What is your Test Data Strategy? Do you even have one? Do you even care?
In my less-than-humble opinion, test data can really make or break any test effort. Second only to error handling, test data is rarely something that receives a whole lot of attention. It tends to be one of the more neglected aspects of testing. Personally, I think it is way too important to overlook. As a consultant, whenever I ask clients about their test data strategy I’m usually met with blank stares.
I was once contracted to test an online banking application. One of the key tests was related to transfers between accounts. U.S.l banking regulations apparently limit the number of online transfers between two accounts (like savings to checking or vice versa) to 5 transfers per month (they did while I was testing it anyway). So, at the end of a very long test day, I reached the transfer limit test. I logged on to my test user’s account and made 5 transfers of $100 from the user’s savings account to their checking account. The transfers all succeeded. Then I attempted to make a sixth transfer which was correctly prevented with an appropriate message as to why. So far, so good….I thought. I went home for the day and figured I’d try again the next morning just to be sure it wasn’t a daily limit. The next morning, coffee and bagel in hand (with chives and onion cream cheese), I sat down at my computer to resume testing. I launched the application and attempted to log on to my test user’s account. The log on failed. Surely a typo. So I tried again. It failed a second time. Third time’s the charm. This time I took great care to enter the user name and password correctly. Strike 3 – it failed again. So logically, I asked if any changes had been made to the database. My manager informed me that the user had changed their password because someone had been tampering with their account. What!!! Apparently I hade been using a live account to test and the account holder was quite rightly upset and changed her password. The incident was also reported to the managers of the bank. I was testing with live production data! I couldn’t believe it.
I assumed it was a blinding glimpse of the obvious that you never, never, ever, test with live data! Well you know what happens when you assume. Lesson learned – the hard way.

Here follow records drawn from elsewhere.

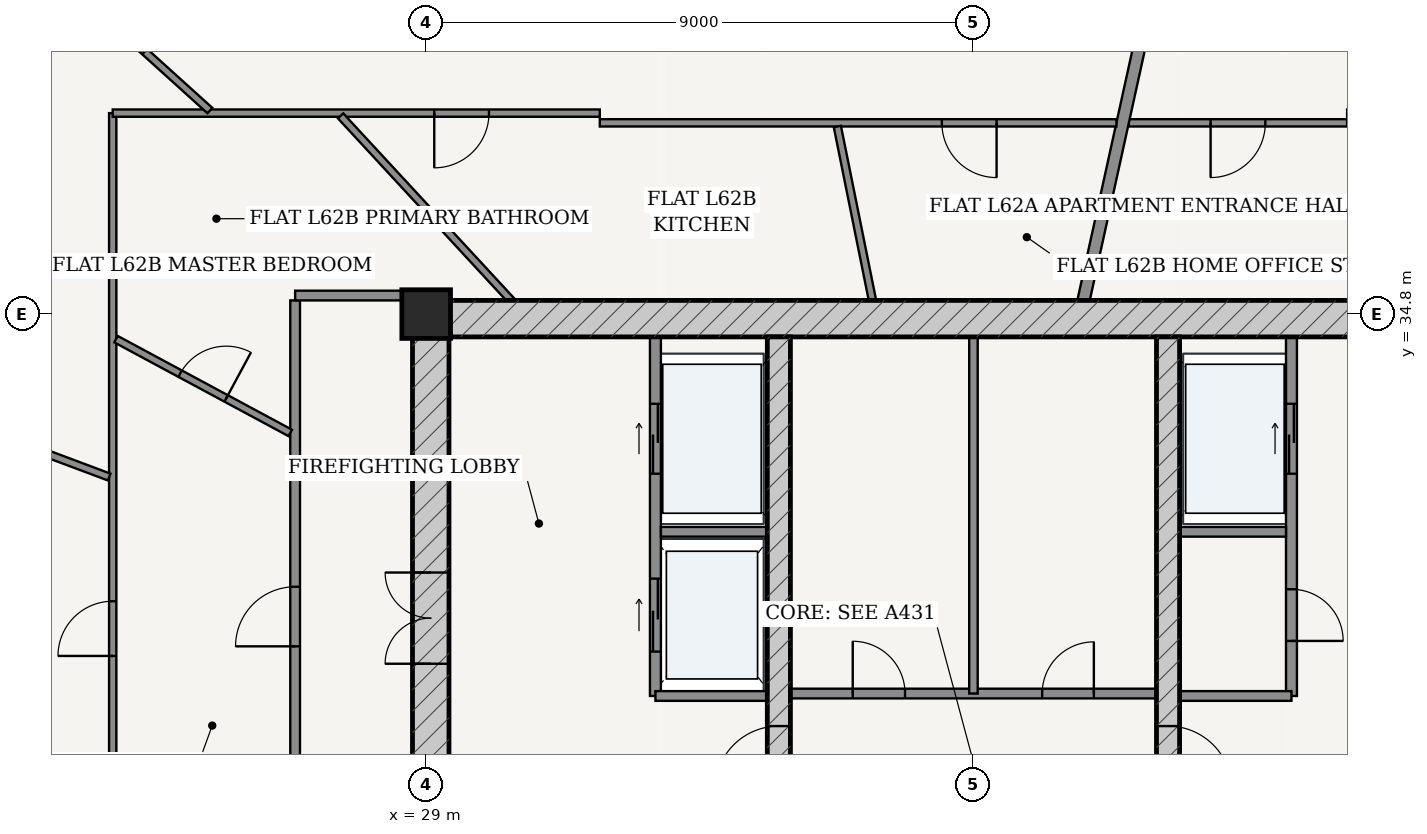
"""IFC4 building model, lengths in metres.
Left out: names, types, materials, properties, quantities, classifications, styles, units other than length and angle.
Written with IfcOpenShell. Run it as: python <this file> out.ifc"""

import sys

from ifc_helpers import new_model, si_unit, direction, frame, frame_2d, origin, origin_2d, place, context, subcontext, project, spatial, rectangle, extrude, source, transform, mapped, element, fill, save


model = new_model("IFC4")
c1 = context("Model", 3, precision=1e-05, world=origin(), true_north=direction((-0.2419218956, 0.970295726276)))
c2 = subcontext(c1, "Body", "Model", "MODEL_VIEW")
j1 = project(units=[si_unit("LENGTHUNIT", "METRE"), si_unit("PLANEANGLEUNIT", "RADIAN")], contexts=[c1])
p1 = place(None, origin())
s1 = spatial("IfcSite", under=j1, at=p1, CompositionType="ELEMENT")
p2 = place(p1, origin())
s2 = spatial("IfcBuilding", under=s1, at=p2, CompositionType="ELEMENT")
p3 = place(p2, frame((0.0, 0.0, 235.6)))
s3 = spatial("IfcBuildingStorey", under=s2, at=p3, CompositionType="ELEMENT", Elevation=235.6)
p4 = place(p3, frame((29.0, 34.8, 0.0), z_axis=(0.0, 0.0, 1.0), x_axis=(1.0, 0.0, 0.0)))
e1 = element("IfcColumn", 1, at=p4, inside=s3, PredefinedType="COLUMN", context=c2, shape_type="SweptSolid", body=[
    extrude(rectangle(XDim=0.8, YDim=0.8, at=origin_2d()), origin(), (0.0, 0.0, 1.0), 3.7),
])
p5 = place(p3, frame((28.775, 34.725, 0.0), z_axis=(0.0, 0.0, 1.0), x_axis=(1.0, 0.0, 0.0)))
e2 = element("IfcWall", 2, at=p5, inside=s3, PredefinedType="SHEAR", context=c2, shape_type="SweptSolid", body=[
    extrude(rectangle(XDim=18.45, YDim=0.6, at=frame_2d((9.225, 0.0))), origin(), (0.0, 0.0, 1.0), 3.435),
])
p6 = place(p3, frame((29.075, 19.175, 0.0), z_axis=(0.0, 0.0, 1.0), x_axis=(0.0, 1.0, 0.0)))
e3 = element("IfcWall", 3, at=p6, inside=s3, PredefinedType="SHEAR", context=c2, shape_type="SweptSolid", body=[
    extrude(rectangle(XDim=15.25, YDim=0.6, at=frame_2d((7.625, 0.0))), origin(), (0.0, 0.0, 1.0), 3.435),
])
p7 = place(p6, frame((9.875, 0.0, 0.0)))
e4 = element("IfcOpeningElement", 4, at=p7, cuts=e3, PredefinedType="OPENING", context=c2, shape_type="SweptSolid", body=[
    extrude(rectangle(XDim=1.5, YDim=2.2, at=frame_2d((0.75, 1.1))), frame((0.0, 0.31, 0.0), z_axis=(0.0, -1.0, 0.0), x_axis=(1.0, 0.0, 0.0)), (0.0, 0.0, 1.0), 0.62),
])
p8 = place(p3, frame((34.8, 19.175, 0.0), z_axis=(0.0, 0.0, 1.0), x_axis=(0.0, 1.0, 0.0)))
e5 = element("IfcWall", 5, at=p8, inside=s3, PredefinedType="SHEAR", context=c2, shape_type="SweptSolid", body=[
    extrude(rectangle(XDim=15.25, YDim=0.38, at=frame_2d((7.625, 0.0))), origin(), (0.0, 0.0, 1.0), 3.435),
])
p9 = place(p8, frame((7.8, 0.0, 0.0)))
e6 = element("IfcOpeningElement", 6, at=p9, cuts=e5, PredefinedType="OPENING", context=c2, shape_type="SweptSolid", body=[
    extrude(rectangle(XDim=1.05, YDim=2.15, at=frame_2d((0.525, 1.075))), frame((0.0, 0.2, 0.0), z_axis=(0.0, -1.0, 0.0), x_axis=(1.0, 0.0, 0.0)), (0.0, 0.0, 1.0), 0.4),
])
p10 = place(p3, frame((41.2, 19.175, 0.0), z_axis=(0.0, 0.0, 1.0), x_axis=(0.0, 1.0, 0.0)))
e7 = element("IfcWall", 7, at=p10, inside=s3, PredefinedType="SHEAR", context=c2, shape_type="SweptSolid", body=[
    extrude(rectangle(XDim=15.25, YDim=0.38, at=frame_2d((7.625, 0.0))), origin(), (0.0, 0.0, 1.0), 3.435),
])
p11 = place(p10, frame((7.8, 0.0, 0.0)))
e8 = element("IfcOpeningElement", 8, at=p11, cuts=e7, PredefinedType="OPENING", context=c2, shape_type="SweptSolid", body=[
    extrude(rectangle(XDim=1.05, YDim=2.15, at=frame_2d((0.525, 1.075))), frame((0.0, 0.2, 0.0), z_axis=(0.0, -1.0, 0.0), x_axis=(1.0, 0.0, 0.0)), (0.0, 0.0, 1.0), 0.4),
])
p12 = place(p3, frame((32.77, 28.52, 0.0), z_axis=(0.0, 0.0, 1.0), x_axis=(0.0, 1.0, 0.0)))
e9 = element("IfcWall", 9, at=p12, inside=s3, PredefinedType="PARTITIONING", context=c2, shape_type="SweptSolid", body=[
    extrude(rectangle(XDim=5.905, YDim=0.18, at=frame_2d((2.953, 0.0))), origin(), (0.0, 0.0, 1.0), 3.435),
])
p13 = place(p12, frame((3.655, 0.0, 0.0)))
e10 = element("IfcOpeningElement", 10, at=p13, cuts=e9, PredefinedType="OPENING", context=c2, shape_type="SweptSolid", body=[
    extrude(rectangle(XDim=1.15, YDim=2.2, at=frame_2d((0.575, 1.1))), frame((0.0, 0.1, 0.0), z_axis=(0.0, -1.0, 0.0), x_axis=(1.0, 0.0, 0.0)), (0.0, 0.0, 1.0), 0.2),
])
p14 = place(p12, frame((0.73, 0.0, 0.0)))
e11 = element("IfcOpeningElement", 11, at=p14, cuts=e9, PredefinedType="OPENING", context=c2, shape_type="SweptSolid", body=[
    extrude(rectangle(XDim=1.2, YDim=2.25, at=frame_2d((0.6, 1.125))), frame((0.0, 0.1, 0.0), z_axis=(0.0, -1.0, 0.0), x_axis=(1.0, 0.0, 0.0)), (0.0, 0.0, 1.0), 0.2),
])
p15 = place(p3, frame((32.86, 31.22, 0.0), z_axis=(0.0, 0.0, 1.0), x_axis=(1.0, 0.0, 0.0)))
e12 = element("IfcWall", 12, at=p15, inside=s3, PredefinedType="PARTITIONING", context=c2, shape_type="SweptSolid", body=[
    extrude(rectangle(XDim=1.75, YDim=0.16, at=frame_2d((0.875, 0.0))), origin(), (0.0, 0.0, 1.0), 3.435),
])
p16 = place(p3, frame((32.77, 28.52, 0.0), z_axis=(0.0, 0.0, 1.0), x_axis=(1.0, 0.0, 0.0)))
e13 = element("IfcWall", 13, at=p16, inside=s3, PredefinedType="PARTITIONING", context=c2, shape_type="SweptSolid", body=[
    extrude(rectangle(XDim=1.84, YDim=0.16, at=frame_2d((0.92, 0.0))), origin(), (0.0, 0.0, 1.0), 3.435),
])
p17 = place(p3, frame((43.23, 28.52, 0.0), z_axis=(0.0, 0.0, 1.0), x_axis=(0.0, 1.0, 0.0)))
e14 = element("IfcWall", 14, at=p17, inside=s3, PredefinedType="PARTITIONING", context=c2, shape_type="SweptSolid", body=[
    extrude(rectangle(XDim=5.905, YDim=0.18, at=frame_2d((2.953, 0.0))), origin(), (0.0, 0.0, 1.0), 3.435),
])
p18 = place(p17, frame((0.905, 0.0, 0.0)))
e15 = element("IfcOpeningElement", 15, at=p18, cuts=e14, PredefinedType="OPENING", context=c2, shape_type="SweptSolid", body=[
    extrude(rectangle(XDim=0.85, YDim=2.1, at=frame_2d((0.425, 1.05))), frame((0.0, 0.1, 0.0), z_axis=(0.0, -1.0, 0.0), x_axis=(1.0, 0.0, 0.0)), (0.0, 0.0, 1.0), 0.2),
])
p19 = place(p17, frame((3.655, 0.0, 0.0)))
e16 = element("IfcOpeningElement", 16, at=p19, cuts=e14, PredefinedType="OPENING", context=c2, shape_type="SweptSolid", body=[
    extrude(rectangle(XDim=1.15, YDim=2.2, at=frame_2d((0.575, 1.1))), frame((0.0, 0.1, 0.0), z_axis=(0.0, -1.0, 0.0), x_axis=(1.0, 0.0, 0.0)), (0.0, 0.0, 1.0), 0.2),
])
p20 = place(p3, frame((41.39, 31.22, 0.0), z_axis=(0.0, 0.0, 1.0), x_axis=(1.0, 0.0, 0.0)))
e17 = element("IfcWall", 17, at=p20, inside=s3, PredefinedType="PARTITIONING", context=c2, shape_type="SweptSolid", body=[
    extrude(rectangle(XDim=1.75, YDim=0.16, at=frame_2d((0.875, 0.0))), origin(), (0.0, 0.0, 1.0), 3.435),
])
p21 = place(p3, frame((41.39, 28.52, 0.0), z_axis=(0.0, 0.0, 1.0), x_axis=(1.0, 0.0, 0.0)))
e18 = element("IfcWall", 18, at=p21, inside=s3, PredefinedType="PARTITIONING", context=c2, shape_type="SweptSolid", body=[
    extrude(rectangle(XDim=1.84, YDim=0.16, at=frame_2d((0.92, 0.0))), origin(), (0.0, 0.0, 1.0), 3.435),
])
p22 = place(p3, frame((34.99, 28.56, 0.0), z_axis=(0.0, 0.0, 1.0), x_axis=(1.0, 0.0, 0.0)))
e19 = element("IfcWall", 19, at=p22, inside=s3, PredefinedType="PARTITIONING", context=c2, shape_type="SweptSolid", body=[
    extrude(rectangle(XDim=6.02, YDim=0.16, at=frame_2d((3.01, 0.0))), origin(), (0.0, 0.0, 1.0), 3.435),
])
p23 = place(p22, frame((1.025, 0.0, 0.0)))
e20 = element("IfcOpeningElement", 20, at=p23, cuts=e19, PredefinedType="OPENING", context=c2, shape_type="SweptSolid", body=[
    extrude(rectangle(XDim=0.86, YDim=2.1, at=frame_2d((0.43, 1.05))), frame((0.0, 0.09, 0.0), z_axis=(0.0, -1.0, 0.0), x_axis=(1.0, 0.0, 0.0)), (0.0, 0.0, 1.0), 0.18),
])
p24 = place(p22, frame((4.14, 0.0, 0.0)))
e21 = element("IfcOpeningElement", 21, at=p24, cuts=e19, PredefinedType="OPENING", context=c2, shape_type="SweptSolid", body=[
    extrude(rectangle(XDim=0.85, YDim=2.1, at=frame_2d((0.425, 1.05))), frame((0.0, 0.09, 0.0), z_axis=(0.0, -1.0, 0.0), x_axis=(1.0, 0.0, 0.0)), (0.0, 0.0, 1.0), 0.18),
])
p25 = place(p3, frame((38.0, 28.56, 0.0), z_axis=(0.0, 0.0, 1.0), x_axis=(0.0, 1.0, 0.0)))
e22 = element("IfcWall", 22, at=p25, inside=s3, PredefinedType="PARTITIONING", context=c2, shape_type="SweptSolid", body=[
    extrude(rectangle(XDim=5.865, YDim=0.14, at=frame_2d((2.933, 0.0))), origin(), (0.0, 0.0, 1.0), 3.435),
])
p26 = place(p3, frame((26.845, 24.4, 0.0), z_axis=(0.0, 0.0, 1.0), x_axis=(0.0, 1.0, 0.0)))
e23 = element("IfcWall", 23, at=p26, inside=s3, PredefinedType="PARTITIONING", context=c2, shape_type="SweptSolid", body=[
    extrude(rectangle(XDim=10.625, YDim=0.16, at=frame_2d((5.312, 0.0))), origin(), (0.0, 0.0, 1.0), 2.951),
])
p27 = place(p26, frame((4.936, 0.0, 0.0)))
e24 = element("IfcOpeningElement", 24, at=p27, cuts=e23, PredefinedType="OPENING", context=c2, shape_type="SweptSolid", body=[
    extrude(rectangle(XDim=0.98, YDim=2.2, at=frame_2d((0.49, 1.1))), frame((0.0, 0.09, 0.0), z_axis=(0.0, -1.0, 0.0), x_axis=(1.0, 0.0, 0.0)), (0.0, 0.0, 1.0), 0.18),
])
p28 = place(p3, frame((26.845, 35.105, 0.0), z_axis=(0.0, 0.0, 1.0), x_axis=(1.0, 0.0, 0.0)))
e25 = element("IfcWall", 25, at=p28, inside=s3, PredefinedType="PARTITIONING", context=c2, shape_type="SweptSolid", body=[
    extrude(rectangle(XDim=1.93, YDim=0.16, at=frame_2d((0.965, 0.0))), origin(), (0.0, 0.0, 1.0), 3.435),
])
p29 = place(p3, frame((40.555, 37.945, 0.0), z_axis=(0.0, 0.0, 1.0), x_axis=(1.0, 0.0, 0.0)))
e26 = element("IfcWall", 26, at=p29, inside=s3, PredefinedType="PARTITIONING", context=c2, shape_type="SweptSolid", body=[
    extrude(rectangle(XDim=3.59, YDim=0.12, at=frame_2d((1.795, 0.0))), origin(), (0.0, 0.0, 1.0), 2.951),
])
p30 = place(p29, frame((1.345, 0.0, 0.0)))
e27 = element("IfcOpeningElement", 27, at=p30, cuts=e26, PredefinedType="OPENING", context=c2, shape_type="SweptSolid", body=[
    extrude(rectangle(XDim=0.9, YDim=2.15, at=frame_2d((0.45, 1.075))), frame((0.0, 0.07, 0.0), z_axis=(0.0, -1.0, 0.0), x_axis=(1.0, 0.0, 0.0)), (0.0, 0.0, 1.0), 0.14),
])
p31 = place(p3, frame((39.811, 35.027, 0.0), z_axis=(0.0, 0.0, 1.0), x_axis=(0.214966857327, 0.976621344356, 0.0)))
e28 = element("IfcWall", 28, at=p31, inside=s3, PredefinedType="PARTITIONING", context=c2, shape_type="SweptSolid", body=[
    extrude(rectangle(XDim=11.258, YDim=0.2, at=frame_2d((5.629, 0.0))), origin(), (0.0, 0.0, 1.0), 2.52),
])
p32 = place(p3, frame((23.845, 26.902, 0.0), z_axis=(0.0, 0.0, 1.0), x_axis=(0.0, 1.0, 0.0)))
e29 = element("IfcWall", 29, at=p32, inside=s3, PredefinedType="PARTITIONING", context=c2, shape_type="SweptSolid", body=[
    extrude(rectangle(XDim=11.203, YDim=0.12, at=frame_2d((5.602, 0.0))), origin(), (0.0, 0.0, 1.0), 2.951),
])
p33 = place(p32, frame((2.276, 0.0, 0.0)))
e30 = element("IfcOpeningElement", 30, at=p33, cuts=e29, PredefinedType="OPENING", context=c2, shape_type="SweptSolid", body=[
    extrude(rectangle(XDim=0.9, YDim=2.15, at=frame_2d((0.45, 1.075))), frame((0.0, 0.07, 0.0), z_axis=(0.0, -1.0, 0.0), x_axis=(1.0, 0.0, 0.0)), (0.0, 0.0, 1.0), 0.14),
])
p34 = place(p3, frame((23.845, 38.105, 0.0), z_axis=(0.0, 0.0, 1.0), x_axis=(1.0, 0.0, 0.0)))
e31 = element("IfcWall", 31, at=p34, inside=s3, PredefinedType="PARTITIONING", context=c2, shape_type="SweptSolid", body=[
    extrude(rectangle(XDim=8.01, YDim=0.12, at=frame_2d((4.005, 0.0))), origin(), (0.0, 0.0, 1.0), 2.951),
])
p35 = place(p34, frame((5.288, 0.0, 0.0)))
e32 = element("IfcOpeningElement", 32, at=p35, cuts=e31, PredefinedType="OPENING", context=c2, shape_type="SweptSolid", body=[
    extrude(rectangle(XDim=0.9, YDim=2.15, at=frame_2d((0.45, 1.075))), frame((0.0, 0.07, 0.0), z_axis=(0.0, -1.0, 0.0), x_axis=(1.0, 0.0, 0.0)), (0.0, 0.0, 1.0), 0.14),
])
p36 = place(p3, frame((31.855, 37.945, 0.0), z_axis=(0.0, 0.0, 1.0), x_axis=(1.0, 0.0, 0.0)))
e33 = element("IfcWall", 33, at=p36, inside=s3, PredefinedType="PARTITIONING", context=c2, shape_type="SweptSolid", body=[
    extrude(rectangle(XDim=8.496, YDim=0.12, at=frame_2d((4.248, 0.0))), origin(), (0.0, 0.0, 1.0), 2.951),
])
p37 = place(p36, frame((5.625, 0.0, 0.0)))
e34 = element("IfcOpeningElement", 34, at=p37, cuts=e33, PredefinedType="OPENING", context=c2, shape_type="SweptSolid", body=[
    extrude(rectangle(XDim=0.9, YDim=2.15, at=frame_2d((0.45, 1.075))), frame((0.0, 0.07, 0.0), z_axis=(0.0, -1.0, 0.0), x_axis=(1.0, 0.0, 0.0)), (0.0, 0.0, 1.0), 0.14),
])
p38 = place(p3, frame((25.444, 38.146, 0.0), z_axis=(0.0, 0.0, 1.0), x_axis=(-0.741941434687, 0.670464695189, 0.0)))
e35 = element("IfcWall", 35, at=p38, inside=s3, PredefinedType="PARTITIONING", context=c2, shape_type="SweptSolid", body=[
    extrude(rectangle(XDim=3.792, YDim=0.12, at=frame_2d((1.896, 0.0))), origin(), (0.0, 0.0, 1.0), 2.951),
])
p39 = place(p38, frame((1.446, 0.0, 0.0)))
e36 = element("IfcOpeningElement", 36, at=p39, cuts=e35, PredefinedType="OPENING", context=c2, shape_type="SweptSolid", body=[
    extrude(rectangle(XDim=0.9, YDim=2.15, at=frame_2d((0.45, 1.075))), frame((0.0, 0.07, 0.0), z_axis=(0.0, -1.0, 0.0), x_axis=(1.0, 0.0, 0.0)), (0.0, 0.0, 1.0), 0.14),
])
p40 = place(p3, frame((23.787, 32.12, 0.0), z_axis=(0.0, 0.0, 1.0), x_axis=(-0.936540304423, 0.35055992097, 0.0)))
e37 = element("IfcWall", 37, at=p40, inside=s3, PredefinedType="PARTITIONING", context=c2, shape_type="SweptSolid", body=[
    extrude(rectangle(XDim=6.268, YDim=0.12, at=frame_2d((3.134, 0.0))), origin(), (0.0, 0.0, 1.0), 2.951),
])
p41 = place(p40, frame((2.684, 0.0, 0.0)))
e38 = element("IfcOpeningElement", 38, at=p41, cuts=e37, PredefinedType="OPENING", context=c2, shape_type="SweptSolid", body=[
    extrude(rectangle(XDim=0.9, YDim=2.15, at=frame_2d((0.45, 1.075))), frame((0.0, 0.07, 0.0), z_axis=(0.0, -1.0, 0.0), x_axis=(1.0, 0.0, 0.0)), (0.0, 0.0, 1.0), 0.14),
])
p42 = place(p3, frame((36.339, 35.027, 0.0), z_axis=(0.0, 0.0, 1.0), x_axis=(-0.197903570547, 0.980221493727, 0.0)))
e39 = element("IfcWall", 39, at=p42, inside=s3, PredefinedType="PARTITIONING", context=c2, shape_type="SweptSolid", body=[
    extrude(rectangle(XDim=2.915, YDim=0.12, at=frame_2d((1.458, 0.0))), origin(), (0.0, 0.0, 1.0), 2.52),
])
p43 = place(p3, frame((30.396, 35.026, 0.0), z_axis=(0.0, 0.0, 1.0), x_axis=(-0.678748871003, 0.73437045836, 0.0)))
e40 = element("IfcWall", 40, at=p43, inside=s3, PredefinedType="PARTITIONING", context=c2, shape_type="SweptSolid", body=[
    extrude(rectangle(XDim=4.13, YDim=0.12, at=frame_2d((2.065, 0.0))), origin(), (0.0, 0.0, 1.0), 2.951),
])
p44 = place(p3, frame((26.765, 32.845, 0.0), z_axis=(0.0, 0.0, 1.0), x_axis=(-0.88057708661, 0.473902937886, 0.0)))
e41 = element("IfcWall", 41, at=p44, inside=s3, PredefinedType="PARTITIONING", context=c2, shape_type="SweptSolid", body=[
    extrude(rectangle(XDim=3.254, YDim=0.12, at=frame_2d((1.627, 0.0))), origin(), (0.0, 0.0, 1.0), 3.11),
])
p45 = place(p44, frame((1.197, 0.0, 0.0)))
e42 = element("IfcOpeningElement", 42, at=p45, cuts=e41, PredefinedType="OPENING", context=c2, shape_type="SweptSolid", body=[
    extrude(rectangle(XDim=0.86, YDim=2.15, at=frame_2d((0.43, 1.075))), frame((0.0, 0.07, 0.0), z_axis=(0.0, -1.0, 0.0), x_axis=(1.0, 0.0, 0.0)), (0.0, 0.0, 1.0), 0.14),
])
m1 = source(origin(), c2, "Body", "SweptSolid", [
    extrude(rectangle(XDim=1.5, YDim=2.2, at=frame_2d((0.75, 1.1))), frame((0.0, 0.025, 0.0), z_axis=(0.0, -1.0, 0.0), x_axis=(1.0, 0.0, 0.0)), (0.0, 0.0, 1.0), 0.05),
])
p46 = place(p7, origin())
e43 = element("IfcDoor", 43, at=p46, inside=s3, OperationType="DOUBLE_DOOR_SINGLE_SWING", PredefinedType="DOOR", context=c2, shape_type="MappedRepresentation", body=[
    mapped(m1, transform((0.0, 0.0, 0.0), scale=1.0)),
])
fill(e4, e43)
m2 = source(origin(), c2, "Body", "SweptSolid", [
    extrude(rectangle(XDim=1.05, YDim=2.15, at=frame_2d((0.525, 1.075))), frame((0.0, 0.025, 0.0), z_axis=(0.0, -1.0, 0.0), x_axis=(1.0, 0.0, 0.0)), (0.0, 0.0, 1.0), 0.05),
])
p47 = place(p9, origin())
e44 = element("IfcDoor", 44, at=p47, inside=s3, OperationType="SINGLE_SWING_LEFT", PredefinedType="DOOR", context=c2, shape_type="MappedRepresentation", body=[
    mapped(m2, transform((0.0, 0.0, 0.0), scale=1.0)),
])
fill(e6, e44)
p48 = place(p11, frame((1.05, 0.0, 0.0), z_axis=(0.0, 0.0, 1.0), x_axis=(-1.0, 0.0, 0.0)))
e45 = element("IfcDoor", 45, at=p48, inside=s3, OperationType="SINGLE_SWING_RIGHT", PredefinedType="DOOR", context=c2, shape_type="MappedRepresentation", body=[
    mapped(m2, transform((0.0, 0.0, 0.0), scale=1.0)),
])
fill(e8, e45)
m3 = source(origin(), c2, "Body", "SweptSolid", [
    extrude(rectangle(XDim=0.85, YDim=2.1, at=frame_2d((0.425, 1.05))), frame((0.0, 0.025, 0.0), z_axis=(0.0, -1.0, 0.0), x_axis=(1.0, 0.0, 0.0)), (0.0, 0.0, 1.0), 0.05),
])
p49 = place(p18, frame((0.85, 0.0, 0.0), z_axis=(0.0, 0.0, 1.0), x_axis=(-1.0, 0.0, 0.0)))
e46 = element("IfcDoor", 46, at=p49, inside=s3, OperationType="SINGLE_SWING_RIGHT", PredefinedType="DOOR", context=c2, shape_type="MappedRepresentation", body=[
    mapped(m3, transform((0.0, 0.0, 0.0), scale=1.0)),
])
fill(e15, e46)
m4 = source(origin(), c2, "Body", "SweptSolid", [
    extrude(rectangle(XDim=0.86, YDim=2.1, at=frame_2d((0.43, 1.05))), frame((0.0, 0.025, 0.0), z_axis=(0.0, -1.0, 0.0), x_axis=(1.0, 0.0, 0.0)), (0.0, 0.0, 1.0), 0.05),
])
p50 = place(p23, origin())
e47 = element("IfcDoor", 47, at=p50, inside=s3, OperationType="SINGLE_SWING_LEFT", PredefinedType="DOOR", context=c2, shape_type="MappedRepresentation", body=[
    mapped(m4, transform((0.0, 0.0, 0.0), scale=1.0)),
])
fill(e20, e47)
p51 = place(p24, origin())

So now I give a lot of thought to test data. Rule Number 1 – separate test data from production data. But where do you get test data? There are essentially 3 approaches you can take: create it, copy it from production, or a combination of the two. Which one you use will depend on your particular situation, schedules, and database saavy. Let’s take a closer look at each.
Option 1: Create it from scratch. If you are testing a brand spanking new application this may be your only option. Creating your own test data gives you the most flexibility. You can tailor the data to each specific test case. Once it is created you can save a snapshot of it or write scripts to recreate it which will allow you to restore that data to a clean copy at the beginning of each test cycle or as needed. The downside is that it can take a lot of time to build the data. Especially if you need a lot of it. Get to know your DBA. Take them to lunch. Buy them a muffin.
Option 2: Copy the data from production. If you are working on an update to an existing application, you may be able to take a copy from the production database. Even if the database structure is modified from the previous application to the new one, it may still be more efficient to get a copy and modify it than to create it. Of course the existing data may not support testing. For example if you are testing data filtering, the production data may not have all of the filter values available to adequately test the filter. If you are testing numeric sorting where vales may be positive, negative, or zero, some of those values may not exist in the current copy of the data. As a result, the data needed for a specific test may not even available. Another issue – production data is constantly changing. The data used in one test cycle may be different from the copy you take for the next cycle. Records may be added, deleted, or modified between tests. As a result, any defect you find may be a code issue or may be a data issue. Because results can vary from cycle to cycle test results become unreliable. One way around this problem is to take a copy of the production data before the start of the test cycle and save it. Then restore the test database using this saved copy rather than a current copy. The data becomes more consistent and therefore more reliable. Of course if the database structure changes, you may have some work to do. Another downside to using or copying live data – privacy issues. The data may contain sensitive information such as bank account numbers, social security numbers, usernames and passwords, etc. You may need to cleanse the data before you can use it.
Option 3: Combine Options 1 and 2. Start with a copy of production and then modify it or add data to meet the needs of your tests. Write an update script. Once it’s ready – copy it, and save it. At the beginning of each new test cycle you can restore the database using the copy. The benefit – you can have a lot of data and still meet your test needs. Again, do not use a fresh copy of the production data. This is actually my preferred option. Especially if I’m testing any kind of filtering, sorting, or searching. If you do those action with a small data set you may believe these functions are pretty quick performance-wise. However, add a real data load and these functions may slow dramatically or even break.
Regardless of the Test Data Strategy you use, be sure to give your data needs some thought. Work with you DBAs to find the best approach. DBAs are your friends. Since most people usually avoid them, they might enjoy the attention. Lastly, open an account at your local bagel or donut shop.